| The Brick Dollhouse



The Brick Dollhouse

The Brick Dollhouse

Tony Martinez

USA, 1967


Review by Matt Bailey

Posted on 10 July 2004

Source Something Weird Video DVD

In 1967, deep in the hotbed of sexploitation filmmaking (the Florida suburbs) a narratively dense and experimental film — a Rashomon of titty flicks — sprang forth from the fertile loins of legendary producer David F. Friedman. It was not his most original creation, nor his most beloved, but it was a hell of a lot of fun to watch. That film was The Brick Dollhouse.

The Brick Dollhouse has one of the thinnest plots I have ever witnessed in cinema, and when we are talking about sexploitation films, that is saying a lot. Most sexploitation films (like the pornographic films that followed in their wake) construct the barest of plots on which to hang stripped-off clothes. Here, the justification for the abundant bosom-baring is a murder mystery. Someone has killed Min Lee, the “exotic” member of a group of denizens of a sleazy apartment complex. Was it her girlfriend Sandy, the bulldagger Diana Scarwid lookalike who talks like Marge Gunderson? Was it Linda, the anorexic with an English accent as cheap and as obviously fake as her wig? Perhaps it was the girl who, if she had not spent half of the movie topless, I would swear was a drag queen; or the girl who acts like Patty Duke in Valley of the Dolls, only much, much more high. I will not give away the hilarious twist ending or the identity of the actual culprit, but I will confide to you that you would, in a thousand years, never guess it.

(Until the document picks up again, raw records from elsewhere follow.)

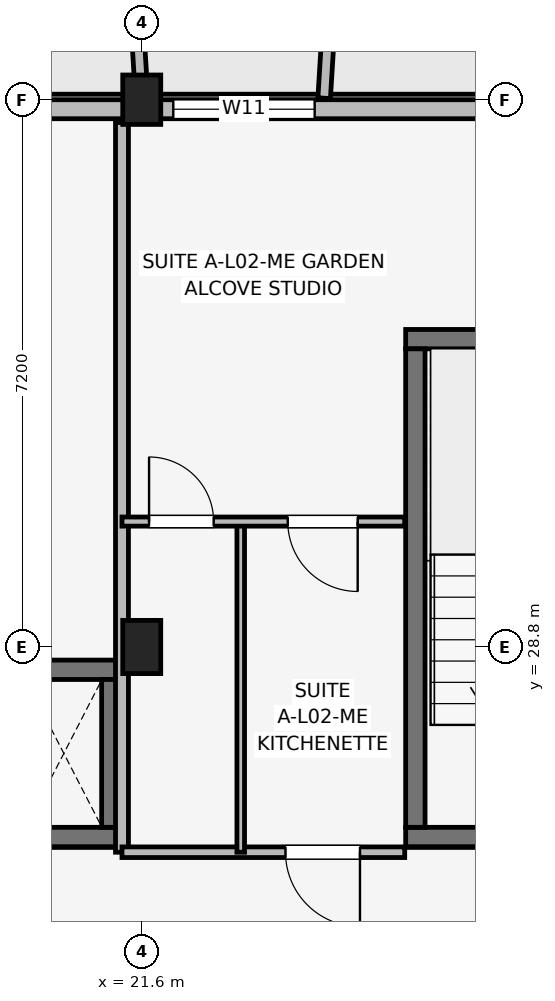
"""IFC4 building model, lengths in metres.
Left out: names, types, materials, properties, quantities, classifications, styles, units other than length and angle.
Written with IfcOpenShell. Run it as: python <this file> out.ifc"""

import sys

from ifc_helpers import new_model, si_unit, direction, frame, frame_2d, origin, origin_2d, place, context, subcontext, project, spatial, rectangle, extrude, element, fill, save


model = new_model("IFC4")
c1 = context("Model", 3, precision=1e-05, world=origin(), true_north=direction((0.0, 1.0)))
c2 = subcontext(c1, "Body", "Model", "MODEL_VIEW")
j1 = project(units=[si_unit("LENGTHUNIT", "METRE"), si_unit("PLANEANGLEUNIT", "RADIAN")], contexts=[c1])
p1 = place(None, origin())
s1 = spatial("IfcSite", under=j1, at=p1, CompositionType="ELEMENT")
p2 = place(p1, origin())
s2 = spatial("IfcBuilding", under=s1, at=p2, CompositionType="ELEMENT")
p3 = place(p2, frame((0.0, 0.0, 8.7)))
s3 = spatial("IfcBuildingStorey", under=s2, at=p3, CompositionType="ELEMENT", Elevation=8.7)
p4 = place(p3, frame((21.6, 28.8, 0.0), z_axis=(0.0, 0.0, 1.0), x_axis=(1.0, 0.0, 0.0)))
e1 = element("IfcColumn", 1, at=p4, inside=s3, PredefinedType="COLUMN", context=c2, shape_type="SweptSolid", body=[
    extrude(rectangle(XDim=0.5, YDim=0.7, at=origin_2d()), origin(), (0.0, 0.0, 1.0), 3.15),
])
p5 = place(p3, frame((21.6, 36.0, 0.0), z_axis=(0.0, 0.0, 1.0), x_axis=(1.0, 0.0, 0.0)))
e2 = element("IfcColumn", 2, at=p5, inside=s3, PredefinedType="COLUMN", context=c2, shape_type="SweptSolid", body=[
    extrude(rectangle(XDim=0.5, YDim=0.65, at=origin_2d()), origin(), (0.0, 0.0, 1.0), 3.15),
])
p6 = place(p3, frame((25.073, 26.3, 0.0), z_axis=(0.0, 0.0, 1.0), x_axis=(1.0, 0.0, 0.0)))
e3 = element("IfcWall", 3, at=p6, inside=s3, PredefinedType="SHEAR", context=c2, shape_type="SweptSolid", body=[
    extrude(rectangle(XDim=3.305, YDim=0.255, at=frame_2d((1.652, 0.0))), origin(), (0.0, 0.0, 1.0), 3.15),
])
p7 = place(p6, frame((1.127, 0.0, 0.0)))
e4 = element("IfcOpeningElement", 4, at=p7, cuts=e3, PredefinedType="OPENING", context=c2, shape_type="SweptSolid", body=[
    extrude(rectangle(XDim=1.05, YDim=2.12, at=frame_2d((0.525, 1.06))), frame((0.0, 0.137, 0.0), z_axis=(0.0, -1.0, 0.0), x_axis=(1.0, 0.0, 0.0)), (0.0, 0.0, 1.0), 0.275),
])
p8 = place(p3, frame((25.073, 32.85, 0.0), z_axis=(0.0, 0.0, 1.0), x_axis=(1.0, 0.0, 0.0)))
e5 = element("IfcWall", 5, at=p8, inside=s3, PredefinedType="SHEAR", context=c2, shape_type="SweptSolid", body=[
    extrude(rectangle(XDim=3.305, YDim=0.255, at=frame_2d((1.652, 0.0))), origin(), (0.0, 0.0, 1.0), 3.15),
])
p9 = place(p3, frame((25.2, 26.427, 0.0), z_axis=(0.0, 0.0, 1.0), x_axis=(0.0, 1.0, 0.0)))
e6 = element("IfcWall", 6, at=p9, inside=s3, PredefinedType="SHEAR", context=c2, shape_type="SweptSolid", body=[
    extrude(rectangle(XDim=6.295, YDim=0.255, at=frame_2d((3.147, 0.0))), origin(), (0.0, 0.0, 1.0), 3.15),
])
for number, where, z_axis, x_axis in (
    (7, (19.522, 26.3, 0.0), (0.0, 0.0, 1.0), (1.0, 0.0, 0.0)),
    (8, (19.522, 28.5, 0.0), (0.0, 0.0, 1.0), (1.0, 0.0, 0.0)),
):
    element("IfcWall", number, at=place(p3, frame(where, z_axis=z_axis, x_axis=x_axis)), inside=s3, PredefinedType="SHEAR", context=c2, shape_type="SweptSolid", body=[
        extrude(rectangle(XDim=1.805, YDim=0.255, at=frame_2d((0.902, 0.0))), origin(), (0.0, 0.0, 1.0), 3.15),
    ])
p10 = place(p3, frame((21.2, 26.427, 0.0), z_axis=(0.0, 0.0, 1.0), x_axis=(0.0, 1.0, 0.0)))
e9 = element("IfcWall", 9, at=p10, inside=s3, PredefinedType="SHEAR", context=c2, shape_type="SweptSolid", body=[
    extrude(rectangle(XDim=1.945, YDim=0.255, at=frame_2d((0.973, 0.0))), origin(), (0.0, 0.0, 1.0), 3.15),
])
p11 = place(p3, frame((32.6, 35.875, 0.0), z_axis=(0.0, 0.0, 1.0), x_axis=(-1.0, 0.0, 0.0)))
e10 = element("IfcWall", 10, at=p11, inside=s3, PredefinedType="SOLIDWALL", context=c2, shape_type="SweptSolid", body=[
    extrude(rectangle(XDim=29.2, YDim=0.25, at=frame_2d((14.6, 0.0))), origin(), (0.0, 0.0, 1.0), 2.43),
])
p12 = place(p11, frame((27.55, 0.0, 0.0), z_axis=(0.0, 0.0, 1.0), x_axis=(-1.0, 0.0, 0.0)))
e11 = element("IfcOpeningElement", 11, at=p12, cuts=e10, PredefinedType="OPENING", context=c2, shape_type="SweptSolid", body=[
    extrude(rectangle(XDim=1.5, YDim=2.15, at=frame_2d((0.75, 1.075))), frame((0.0, 0.135, 0.0), z_axis=(0.0, -1.0, 0.0), x_axis=(1.0, 0.0, 0.0)), (0.0, 0.0, 1.0), 0.27),
])
p13 = place(p11, frame((3.15, 0.0, 0.0), z_axis=(0.0, 0.0, 1.0), x_axis=(-1.0, 0.0, 0.0)))
e12 = element("IfcOpeningElement", 12, at=p13, cuts=e10, PredefinedType="OPENING", context=c2, shape_type="SweptSolid", body=[
    extrude(rectangle(XDim=1.5, YDim=2.15, at=frame_2d((0.75, 1.075))), frame((0.0, 0.135, 0.0), z_axis=(0.0, -1.0, 0.0), x_axis=(1.0, 0.0, 0.0)), (0.0, 0.0, 1.0), 0.27),
])
p14 = place(p11, frame((14.025, 0.0, 0.5)))
e13 = element("IfcOpeningElement", 13, at=p14, cuts=e10, PredefinedType="OPENING", context=c2, shape_type="SweptSolid", body=[
    extrude(rectangle(XDim=1.15, YDim=1.68, at=frame_2d((0.575, 0.84))), frame((0.0, 0.135, 0.0), z_axis=(0.0, -1.0, 0.0), x_axis=(1.0, 0.0, 0.0)), (0.0, 0.0, 1.0), 0.27),
])
p15 = place(p11, frame((8.725, 0.0, 0.7)))
e14 = element("IfcOpeningElement", 14, at=p15, cuts=e10, PredefinedType="OPENING", context=c2, shape_type="SweptSolid", body=[
    extrude(rectangle(XDim=1.86, YDim=1.6, at=frame_2d((0.93, 0.8))), frame((0.0, 0.135, 0.0), z_axis=(0.0, -1.0, 0.0), x_axis=(1.0, 0.0, 0.0)), (0.0, 0.0, 1.0), 0.27),
])
p16 = place(p11, frame((18.615, 0.0, 0.7)))
e15 = element("IfcOpeningElement", 15, at=p16, cuts=e10, PredefinedType="OPENING", context=c2, shape_type="SweptSolid", body=[
    extrude(rectangle(XDim=1.86, YDim=1.6, at=frame_2d((0.93, 0.8))), frame((0.0, 0.135, 0.0), z_axis=(0.0, -1.0, 0.0), x_axis=(1.0, 0.0, 0.0)), (0.0, 0.0, 1.0), 0.27),
])
p17 = place(p3, frame((21.6, 36.02, 0.0), z_axis=(0.0, 0.0, 1.0), x_axis=(-0.061170732449, 0.998127317276, 0.0)))
e16 = element("IfcWall", 16, at=p17, inside=s3, PredefinedType="ELEMENTEDWALL", context=c2, shape_type="SweptSolid", body=[
    extrude(rectangle(XDim=1.964, YDim=0.165, at=frame_2d((0.982, 0.0))), origin(), (0.0, 0.0, 1.0), 2.95),
])
p18 = place(p3, frame((24.0, 36.02, 0.0), z_axis=(0.0, 0.0, 1.0), x_axis=(0.061170732449, 0.998127317276, 0.0)))
e17 = element("IfcWall", 17, at=p18, inside=s3, PredefinedType="ELEMENTEDWALL", context=c2, shape_type="SweptSolid", body=[
    extrude(rectangle(XDim=1.964, YDim=0.165, at=frame_2d((0.982, 0.0))), origin(), (0.0, 0.0, 1.0), 2.45),
])
p19 = place(p3, frame((21.34, 26.1, 0.0), z_axis=(0.0, 0.0, 1.0), x_axis=(0.0, 1.0, 0.0)))
e18 = element("IfcWall", 18, at=p19, inside=s3, PredefinedType="PARTITIONING", context=c2, shape_type="SweptSolid", body=[
    extrude(rectangle(XDim=9.6, YDim=0.17, at=frame_2d((4.8, 0.0))), origin(), (0.0, 0.0, 1.0), 2.38),
])
p20 = place(p3, frame((21.34, 26.1, 0.0), z_axis=(0.0, 0.0, 1.0), x_axis=(1.0, 0.0, 0.0)))
e19 = element("IfcWall", 19, at=p20, inside=s3, PredefinedType="PARTITIONING", context=c2, shape_type="SweptSolid", body=[
    extrude(rectangle(XDim=3.72, YDim=0.14, at=frame_2d((1.86, 0.0))), origin(), (0.0, 0.0, 1.0), 2.38),
])
p21 = place(p20, frame((3.131, 0.0, 0.0), z_axis=(0.0, 0.0, 1.0), x_axis=(-1.0, 0.0, 0.0)))
e20 = element("IfcOpeningElement", 20, at=p21, cuts=e19, PredefinedType="OPENING", context=c2, shape_type="SweptSolid", body=[
    extrude(rectangle(XDim=0.98, YDim=2.1, at=frame_2d((0.49, 1.05))), frame((0.0, 0.08, 0.0), z_axis=(0.0, -1.0, 0.0), x_axis=(1.0, 0.0, 0.0)), (0.0, 0.0, 1.0), 0.16),
])
p22 = place(p3, frame((22.902, 26.1, 0.0), z_axis=(0.0, 0.0, 1.0), x_axis=(0.0, 1.0, 0.0)))
e21 = element("IfcWall", 21, at=p22, inside=s3, PredefinedType="PARTITIONING", context=c2, shape_type="SweptSolid", body=[
    extrude(rectangle(XDim=4.35, YDim=0.1, at=frame_2d((2.175, 0.0))), origin(), (0.0, 0.0, 1.0), 2.375),
])
p23 = place(p3, frame((21.34, 30.45, 0.0), z_axis=(0.0, 0.0, 1.0), x_axis=(1.0, 0.0, 0.0)))
e22 = element("IfcWall", 22, at=p23, inside=s3, PredefinedType="PARTITIONING", context=c2, shape_type="SweptSolid", body=[
    extrude(rectangle(XDim=3.72, YDim=0.12, at=frame_2d((1.86, 0.0))), origin(), (0.0, 0.0, 1.0), 2.38),
])
p24 = place(p23, frame((0.356, 0.0, 0.0)))
e23 = element("IfcOpeningElement", 23, at=p24, cuts=e22, PredefinedType="OPENING", context=c2, shape_type="SweptSolid", body=[
    extrude(rectangle(XDim=0.85, YDim=2.08, at=frame_2d((0.425, 1.04))), frame((0.0, 0.07, 0.0), z_axis=(0.0, -1.0, 0.0), x_axis=(1.0, 0.0, 0.0)), (0.0, 0.0, 1.0), 0.14),
])
p25 = place(p23, frame((3.101, 0.0, 0.0), z_axis=(0.0, 0.0, 1.0), x_axis=(-1.0, 0.0, 0.0)))
e24 = element("IfcOpeningElement", 24, at=p25, cuts=e22, PredefinedType="OPENING", context=c2, shape_type="SweptSolid", body=[
    extrude(rectangle(XDim=0.92, YDim=2.08, at=frame_2d((0.46, 1.04))), frame((0.0, 0.07, 0.0), z_axis=(0.0, -1.0, 0.0), x_axis=(1.0, 0.0, 0.0)), (0.0, 0.0, 1.0), 0.14),
])
p26 = place(p15, origin())
e25 = element("IfcWindow", 25, at=p26, inside=s3, PartitioningType="SINGLE_PANEL", PredefinedType="WINDOW", context=c2, shape_type="SweptSolid", body=[
    extrude(rectangle(XDim=1.86, YDim=1.6, at=frame_2d((0.93, 0.8))), frame((0.0, 0.03, 0.0), z_axis=(0.0, -1.0, 0.0), x_axis=(1.0, 0.0, 0.0)), (0.0, 0.0, 1.0), 0.06),
])
fill(e14, e25)
p27 = place(p21, origin())
e26 = element("IfcDoor", 26, at=p27, inside=s3, OperationType="SINGLE_SWING_RIGHT", PredefinedType="DOOR", context=c2, shape_type="SweptSolid", body=[
    extrude(rectangle(XDim=0.98, YDim=2.1, at=frame_2d((0.49, 1.05))), frame((0.0, 0.025, 0.0), z_axis=(0.0, -1.0, 0.0), x_axis=(1.0, 0.0, 0.0)), (0.0, 0.0, 1.0), 0.05),
])
fill(e20, e26)
p28 = place(p24, origin())
e27 = element("IfcDoor", 27, at=p28, inside=s3, OperationType="SINGLE_SWING_LEFT", PredefinedType="DOOR", context=c2, shape_type="SweptSolid", body=[
    extrude(rectangle(XDim=0.85, YDim=2.08, at=frame_2d((0.425, 1.04))), frame((0.0, 0.025, 0.0), z_axis=(0.0, -1.0, 0.0), x_axis=(1.0, 0.0, 0.0)), (0.0, 0.0, 1.0), 0.05),
])
fill(e23, e27)
p29 = place(p25, origin())
e28 = element("IfcDoor", 28, at=p29, inside=s3, OperationType="SINGLE_SWING_RIGHT", PredefinedType="DOOR", context=c2, shape_type="SweptSolid", body=[
    extrude(rectangle(XDim=0.92, YDim=2.08, at=frame_2d((0.46, 1.04))), frame((0.0, 0.025, 0.0), z_axis=(0.0, -1.0, 0.0), x_axis=(1.0, 0.0, 0.0)), (0.0, 0.0, 1.0), 0.05),
])
fill(e24, e28)
save(model, sys.argv[1])

What makes this movie worth watching, however, is not just its amazing attempt at narrative sophistication by constructing the film almost entirely from visualized reminiscences recounted from several points of view. Neither is it the shocking appearance of a few rather elegant tracking shots in the film, which, to an avid viewer of sexploitation films, is akin to discovering them in a film from 1910. Nor is it the wildly varied and entirely unsuccessful attempts at “acting” by the cast of buxom beauties. What sets this film apart from most others of the time is its eye-popping color photography of its unbelievably garish settings and lurid personages: The girls’ apartments are veritable museums of mid-century kitsch home décor: lavender stucco walls, Margaret Keane paintings, crass pastoral landscapes in oil, Picasso knock-offs in shades of pink, thickly-daubed portraits of matadors, “Oriental” lacquered furniture, pink princess telephones, ostentatiously ornate ceramic lamps, gigantic plush ottomans — the list goes on and on. For a cheap, shoestring-budget production, the filmmakers really went out of their way to create an authentic swinging pad. It is a marvel to behold and the bright lighting and histrionic gesticulations of the actors in these settings only enhance the bizarre Candyland-like atmosphere.

With all of this going on, it is difficult to follow the thread of the story, particularly when the murder victim is nowhere to be found in at least half of the flashback scenes. At a mere 55 minutes, however, the film is over before you really begin to care too much about what is actually happening. Once the murder is solved, the girls welcome their new roommate and Min Lee’s replacement: a tall black woman with white false eyelashes. To the intense grilling of her new roommates — “Do you like boys? Do you get high? Do you like nude parties? Do you like orgies?” — she replies with the only possible correct answer: “Sure thing, baby!”